David Martín del Campo

DiablosLargarse de casa. El regaño de mis padres era insoportable y ya estaba yo imaginando la maleta y el abandono. “Una vez que me haya ido, me llorarán hasta el último de sus días”, era la frase que volaba en mi cabeza, porque de lo que se trataba era de castigarlos. Dos pares de calcetines, el cepillo de dientes, una chamarra… sí, pero ¿adónde ir? Una hora después, desconsolado, iba con Mamá y le pedía perdón. “No lo vuelvo a hacer”.
Con esa desolación en el alma permanecen 52 mil niños en las prisiones fronterizas de Estados Unidos escarmentando el crimen de su aventura.

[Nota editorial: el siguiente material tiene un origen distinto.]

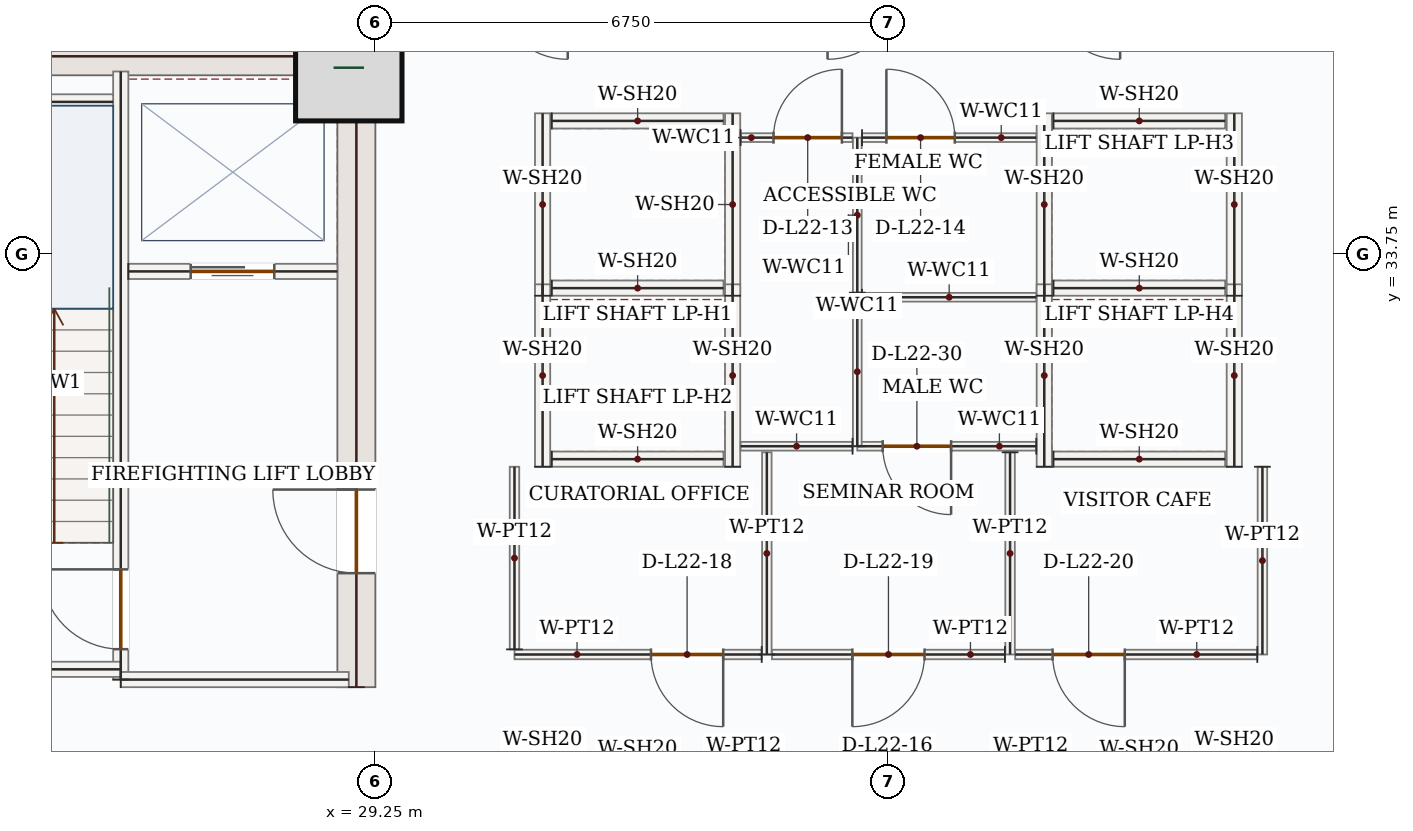
"""IFC4 building model, lengths in metres.
Left out: names, types, materials, properties, quantities, classifications, styles, units other than length and angle.
Written with IfcOpenShell. Run it as: python <this file> out.ifc"""

import sys

from ifc_helpers import new_model, si_unit, direction, frame, frame_2d, origin, origin_2d, place, context, subcontext, project, spatial, rectangle, extrude, source, transform, mapped, element, fill, save


model = new_model("IFC4")
c1 = context("Model", 3, precision=1e-05, world=origin(), true_north=direction((0.0, 1.0)))
c2 = subcontext(c1, "Body", "Model", "MODEL_VIEW")
j1 = project(units=[si_unit("LENGTHUNIT", "METRE"), si_unit("PLANEANGLEUNIT", "RADIAN")], contexts=[c1])
p1 = place(None, origin())
s1 = spatial("IfcSite", under=j1, at=p1, CompositionType="ELEMENT")
p2 = place(p1, origin())
s2 = spatial("IfcBuilding", under=s1, at=p2, CompositionType="ELEMENT")
p3 = place(p2, frame((0.0, 0.0, 100.5)))
s3 = spatial("IfcBuildingStorey", under=s2, at=p3, CompositionType="ELEMENT", Elevation=100.5)
p4 = place(p3, frame((29.0, 28.05, 0.0), z_axis=(0.0, 0.0, 1.0), x_axis=(0.0, 1.0, 0.0)))
e1 = element("IfcWall", 1, at=p4, inside=s3, PredefinedType="SHEAR", context=c2, shape_type="SweptSolid", body=[
    extrude(rectangle(XDim=8.55, YDim=0.5, at=frame_2d((4.275, 0.0))), origin(), (0.0, 0.0, 1.0), 3.95),
])
p5 = place(p4, frame((1.5, 0.0, 0.0)))
e2 = element("IfcOpeningElement", 2, at=p5, cuts=e1, PredefinedType="OPENING", context=c2, shape_type="SweptSolid", body=[
    extrude(rectangle(XDim=1.1, YDim=2.2, at=frame_2d((0.55, 1.1))), frame((0.0, 0.26, 0.0), z_axis=(0.0, -1.0, 0.0), x_axis=(1.0, 0.0, 0.0)), (0.0, 0.0, 1.0), 0.52),
])
m1 = source(origin(), c2, "Body", "SweptSolid", [
    extrude(rectangle(XDim=7.0, YDim=0.5, at=frame_2d((3.5, 0.0))), origin(), (0.0, 0.0, 1.0), 3.95),
])
p6 = place(p3, frame((21.75, 36.35, 0.0), z_axis=(0.0, 0.0, 1.0), x_axis=(1.0, 0.0, 0.0)))
e3 = element("IfcWall", 3, at=p6, inside=s3, PredefinedType="SHEAR", context=c2, shape_type="MappedRepresentation", body=[
    mapped(m1, transform((0.0, 0.0, 0.0), x_axis=(1.0, 0.0, 0.0), y_axis=(0.0, 1.0, 0.0), z_axis=(0.0, 0.0, 1.0), scale=1.0)),
])
m2 = source(origin(), c2, "Body", "SweptSolid", [
    extrude(rectangle(XDim=1.4, YDim=1.4, at=origin_2d()), origin(), (0.0, 0.0, 1.0), 4.2),
])
p7 = place(p3, frame((28.9, 36.2, 0.0), z_axis=(0.0, 0.0, 1.0), x_axis=(1.0, 0.0, 0.0)))
e4 = element("IfcColumn", 4, at=p7, inside=s3, PredefinedType="COLUMN", context=c2, shape_type="MappedRepresentation", body=[
    mapped(m2, transform((0.0, 0.0, 0.0), x_axis=(1.0, 0.0, 0.0), y_axis=(0.0, 1.0, 0.0), z_axis=(0.0, 0.0, 1.0), scale=1.0)),
])
p8 = place(p3, frame((25.9, 28.15, 0.0), z_axis=(0.0, 0.0, 1.0), x_axis=(0.0, 1.0, 0.0)))
e5 = element("IfcWall", 5, at=p8, inside=s3, PredefinedType="SOLIDWALL", context=c2, shape_type="SweptSolid", body=[
    extrude(rectangle(XDim=8.0, YDim=0.2, at=frame_2d((4.0, 0.0))), origin(), (0.0, 0.0, 1.0), 3.95),
])
p9 = place(p8, frame((0.4, 0.0, 0.0)))
e6 = element("IfcOpeningElement", 6, at=p9, cuts=e5, PredefinedType="OPENING", context=c2, shape_type="SweptSolid", body=[
    extrude(rectangle(XDim=1.05, YDim=2.15, at=frame_2d((0.525, 1.075))), frame((0.0, 0.11, 0.0), z_axis=(0.0, -1.0, 0.0), x_axis=(1.0, 0.0, 0.0)), (0.0, 0.0, 1.0), 0.22),
])
m3 = source(origin(), c2, "Body", "SweptSolid", [
    extrude(rectangle(XDim=4.25, YDim=0.2, at=frame_2d((2.125, 0.0))), origin(), (0.0, 0.0, 1.0), 3.95),
])
p10 = place(p3, frame((21.65, 28.285, 0.0), z_axis=(0.0, 0.0, 1.0), x_axis=(1.0, 0.0, 0.0)))
e7 = element("IfcWall", 7, at=p10, inside=s3, PredefinedType="SOLIDWALL", context=c2, shape_type="MappedRepresentation", body=[
    mapped(m3, transform((0.0, 0.0, 0.0), x_axis=(1.0, 0.0, 0.0), y_axis=(0.0, 1.0, 0.0), z_axis=(0.0, 0.0, 1.0), scale=1.0)),
])
m4 = source(origin(), c2, "Body", "SweptSolid", [
    extrude(rectangle(XDim=3.0, YDim=0.2, at=frame_2d((1.5, 0.0))), origin(), (0.0, 0.0, 1.0), 3.95),
])
p11 = place(p3, frame((25.9, 28.15, 0.0), z_axis=(0.0, 0.0, 1.0), x_axis=(1.0, 0.0, 0.0)))
e8 = element("IfcWall", 8, at=p11, inside=s3, PredefinedType="SOLIDWALL", context=c2, shape_type="MappedRepresentation", body=[
    mapped(m4, transform((0.0, 0.0, 0.0), x_axis=(1.0, 0.0, 0.0), y_axis=(0.0, 1.0, 0.0), z_axis=(0.0, 0.0, 1.0), scale=1.0)),
])
m5 = source(origin(), c2, "Body", "SweptSolid", [
    extrude(rectangle(XDim=3.25, YDim=0.2, at=frame_2d((1.625, 0.0))), origin(), (0.0, 0.0, 1.0), 3.95),
])
p12 = place(p3, frame((22.55, 35.75, 0.0), z_axis=(0.0, 0.0, 1.0), x_axis=(1.0, 0.0, 0.0)))
e9 = element("IfcWall", 9, at=p12, inside=s3, PredefinedType="SOLIDWALL", context=c2, shape_type="MappedRepresentation", body=[
    mapped(m5, transform((0.0, 0.0, 0.0), x_axis=(1.0, 0.0, 0.0), y_axis=(0.0, 1.0, 0.0), z_axis=(0.0, 0.0, 1.0), scale=1.0)),
])
p13 = place(p3, frame((26.0, 33.52, 0.0), z_axis=(0.0, 0.0, 1.0), x_axis=(1.0, 0.0, 0.0)))
e10 = element("IfcWall", 10, at=p13, inside=s3, PredefinedType="SOLIDWALL", context=c2, shape_type="SweptSolid", body=[
    extrude(rectangle(XDim=2.75, YDim=0.2, at=frame_2d((1.375, 0.0))), origin(), (0.0, 0.0, 1.0), 3.95),
])
p14 = place(p13, frame((0.82, 0.0, 0.0)))
e11 = element("IfcOpeningElement", 11, at=p14, cuts=e10, PredefinedType="OPENING", context=c2, shape_type="SweptSolid", body=[
    extrude(rectangle(XDim=1.1, YDim=2.15, at=frame_2d((0.55, 1.075))), frame((0.0, 0.11, 0.0), z_axis=(0.0, -1.0, 0.0), x_axis=(1.0, 0.0, 0.0)), (0.0, 0.0, 1.0), 0.22),
])
m6 = source(origin(), c2, "Body", "SweptSolid", [
    extrude(rectangle(XDim=2.4, YDim=0.2, at=frame_2d((1.2, 0.0))), origin(), (0.0, 0.0, 1.0), 3.95),
])
for number, where, z_axis, x_axis in (
    (12, (31.45, 33.2, 0.0), (0.0, 0.0, 1.0), (0.0, 1.0, 0.0)),
    (13, (33.95, 33.2, 0.0), (0.0, 0.0, 1.0), (0.0, 1.0, 0.0)),
):
    element("IfcWall", number, at=place(p3, frame(where, z_axis=z_axis, x_axis=x_axis)), inside=s3, PredefinedType="SOLIDWALL", context=c2, shape_type="MappedRepresentation", body=[
        mapped(m6, transform((0.0, 0.0, 0.0), x_axis=(1.0, 0.0, 0.0), y_axis=(0.0, 1.0, 0.0), z_axis=(0.0, 0.0, 1.0), scale=1.0)),
    ])
m7 = source(origin(), c2, "Body", "SweptSolid", [
    extrude(rectangle(XDim=2.26, YDim=0.2, at=frame_2d((1.13, 0.0))), origin(), (0.0, 0.0, 1.0), 3.95),
])
for number, where, z_axis, x_axis in (
    (14, (31.57, 33.3, 0.0), (0.0, 0.0, 1.0), (1.0, 0.0, 0.0)),
    (15, (31.57, 35.5, 0.0), (0.0, 0.0, 1.0), (1.0, 0.0, 0.0)),
):
    element("IfcWall", number, at=place(p3, frame(where, z_axis=z_axis, x_axis=x_axis)), inside=s3, PredefinedType="SOLIDWALL", context=c2, shape_type="MappedRepresentation", body=[
        mapped(m7, transform((0.0, 0.0, 0.0), x_axis=(1.0, 0.0, 0.0), y_axis=(0.0, 1.0, 0.0), z_axis=(0.0, 0.0, 1.0), scale=1.0)),
    ])
for number, where, z_axis, x_axis in (
    (16, (31.45, 30.95, 0.0), (0.0, 0.0, 1.0), (0.0, 1.0, 0.0)),
    (17, (33.95, 30.95, 0.0), (0.0, 0.0, 1.0), (0.0, 1.0, 0.0)),
):
    element("IfcWall", number, at=place(p3, frame(where, z_axis=z_axis, x_axis=x_axis)), inside=s3, PredefinedType="SOLIDWALL", context=c2, shape_type="MappedRepresentation", body=[
        mapped(m6, transform((0.0, 0.0, 0.0), x_axis=(1.0, 0.0, 0.0), y_axis=(0.0, 1.0, 0.0), z_axis=(0.0, 0.0, 1.0), scale=1.0)),
    ])
p15 = place(p3, frame((31.57, 31.05, 0.0), z_axis=(0.0, 0.0, 1.0), x_axis=(1.0, 0.0, 0.0)))
e18 = element("IfcWall", 18, at=p15, inside=s3, PredefinedType="SOLIDWALL", context=c2, shape_type="MappedRepresentation", body=[
    mapped(m7, transform((0.0, 0.0, 0.0), x_axis=(1.0, 0.0, 0.0), y_axis=(0.0, 1.0, 0.0), z_axis=(0.0, 0.0, 1.0), scale=1.0)),
])
for number, where, z_axis, x_axis in (
    (19, (38.05, 33.2, 0.0), (0.0, 0.0, 1.0), (0.0, 1.0, 0.0)),
    (20, (40.55, 33.2, 0.0), (0.0, 0.0, 1.0), (0.0, 1.0, 0.0)),
):
    element("IfcWall", number, at=place(p3, frame(where, z_axis=z_axis, x_axis=x_axis)), inside=s3, PredefinedType="SOLIDWALL", context=c2, shape_type="MappedRepresentation", body=[
        mapped(m6, transform((0.0, 0.0, 0.0), x_axis=(1.0, 0.0, 0.0), y_axis=(0.0, 1.0, 0.0), z_axis=(0.0, 0.0, 1.0), scale=1.0)),
    ])
for number, where, z_axis, x_axis in (
    (21, (38.17, 33.3, 0.0), (0.0, 0.0, 1.0), (1.0, 0.0, 0.0)),
    (22, (38.17, 35.5, 0.0), (0.0, 0.0, 1.0), (1.0, 0.0, 0.0)),
):
    element("IfcWall", number, at=place(p3, frame(where, z_axis=z_axis, x_axis=x_axis)), inside=s3, PredefinedType="SOLIDWALL", context=c2, shape_type="MappedRepresentation", body=[
        mapped(m7, transform((0.0, 0.0, 0.0), x_axis=(1.0, 0.0, 0.0), y_axis=(0.0, 1.0, 0.0), z_axis=(0.0, 0.0, 1.0), scale=1.0)),
    ])
for number, where, z_axis, x_axis in (
    (23, (38.05, 30.95, 0.0), (0.0, 0.0, 1.0), (0.0, 1.0, 0.0)),
    (24, (40.55, 30.95, 0.0), (0.0, 0.0, 1.0), (0.0, 1.0, 0.0)),
):
    element("IfcWall", number, at=place(p3, frame(where, z_axis=z_axis, x_axis=x_axis)), inside=s3, PredefinedType="SOLIDWALL", context=c2, shape_type="MappedRepresentation", body=[
        mapped(m6, transform((0.0, 0.0, 0.0), x_axis=(1.0, 0.0, 0.0), y_axis=(0.0, 1.0, 0.0), z_axis=(0.0, 0.0, 1.0), scale=1.0)),
    ])
p16 = place(p3, frame((38.17, 31.05, 0.0), z_axis=(0.0, 0.0, 1.0), x_axis=(1.0, 0.0, 0.0)))
e25 = element("IfcWall", 25, at=p16, inside=s3, PredefinedType="SOLIDWALL", context=c2, shape_type="MappedRepresentation", body=[
    mapped(m7, transform((0.0, 0.0, 0.0), x_axis=(1.0, 0.0, 0.0), y_axis=(0.0, 1.0, 0.0), z_axis=(0.0, 0.0, 1.0), scale=1.0)),
])
p17 = place(p3, frame((37.945, 31.22, 0.0), z_axis=(0.0, 0.0, 1.0), x_axis=(-1.0, 0.0, 0.0)))
e26 = element("IfcWall", 26, at=p17, inside=s3, PredefinedType="PARTITIONING", context=c2, shape_type="SweptSolid", body=[
    extrude(rectangle(XDim=2.355, YDim=0.115, at=frame_2d((1.177, 0.0))), origin(), (0.0, 0.0, 1.0), 3.95),
])
p18 = place(p17, frame((1.121, 0.0, 0.0)))
e27 = element("IfcOpeningElement", 27, at=p18, cuts=e26, PredefinedType="OPENING", context=c2, shape_type="SweptSolid", body=[
    extrude(rectangle(XDim=0.9, YDim=2.1, at=frame_2d((0.45, 1.05))), frame((0.0, 0.067, 0.0), z_axis=(0.0, -1.0, 0.0), x_axis=(1.0, 0.0, 0.0)), (0.0, 0.0, 1.0), 0.135),
])
m8 = source(origin(), c2, "Body", "SweptSolid", [
    extrude(rectangle(XDim=1.96, YDim=0.115, at=frame_2d((0.98, 0.0))), origin(), (0.0, 0.0, 1.0), 3.95),
])
p19 = place(p3, frame((35.59, 31.22, 0.0), z_axis=(0.0, 0.0, 1.0), x_axis=(0.0, 1.0, 0.0)))
e28 = element("IfcWall", 28, at=p19, inside=s3, PredefinedType="PARTITIONING", context=c2, shape_type="MappedRepresentation", body=[
    mapped(m8, transform((0.0, 0.0, 0.0), x_axis=(1.0, 0.0, 0.0), y_axis=(0.0, 1.0, 0.0), z_axis=(0.0, 0.0, 1.0), scale=1.0)),
])
m9 = source(origin(), c2, "Body", "SweptSolid", [
    extrude(rectangle(XDim=2.292, YDim=0.115, at=frame_2d((1.146, 0.0))), origin(), (0.0, 0.0, 1.0), 3.95),
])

Algunos iniciaron su periplo desde San Pedro Sula o Tegucigalpa; de Quetzaltenango o la ciudad de Guatemala. Algunos partieron, igualmente, de Tapachula o Comitán, en Chiapas –que para la Border Patrol son lo mismo– niños indocumentados, ilegales, proscritos.

El fenómeno ha quedado registrado en la señalada película de Diego Quemada Díez, La jaula de oro, que narra el trágico periplo de tres muchachos empeñados en alcanzar suelo norteamericano y salir, así, del infierno que es su existencia cotidiana. La cinta, que barrió con las preseas en la entrega del Ariel convocado por la Academia Mexicana Cinematográfica, es una denuncia de absoluta actualidad que debería ver el senador por Arizona, John McCain, quien ha instado al gobierno de Barack Obama para que los regrese ya, en una oleada de aviones hacia Centroamérica, antes de que el problema los desborde.

El refrán remata sabiamente que, aunque sea de oro la jaula. “no deja de ser prisión”. No hay modo, pues, de salir del encierro: en Centroamérica los chavos son víctimas de la pobreza, la marginación y la violencia; los que logran llegar al “paraíso yanqui” sufrirán, también, otra faceta del mismo presidio: persecución, explotación, marginalidad. Pobres niños, que el Nazareno llamó a su lado, en su momento, afirmando que el Reino que anunciaba, es habitado por almas como las de ellos.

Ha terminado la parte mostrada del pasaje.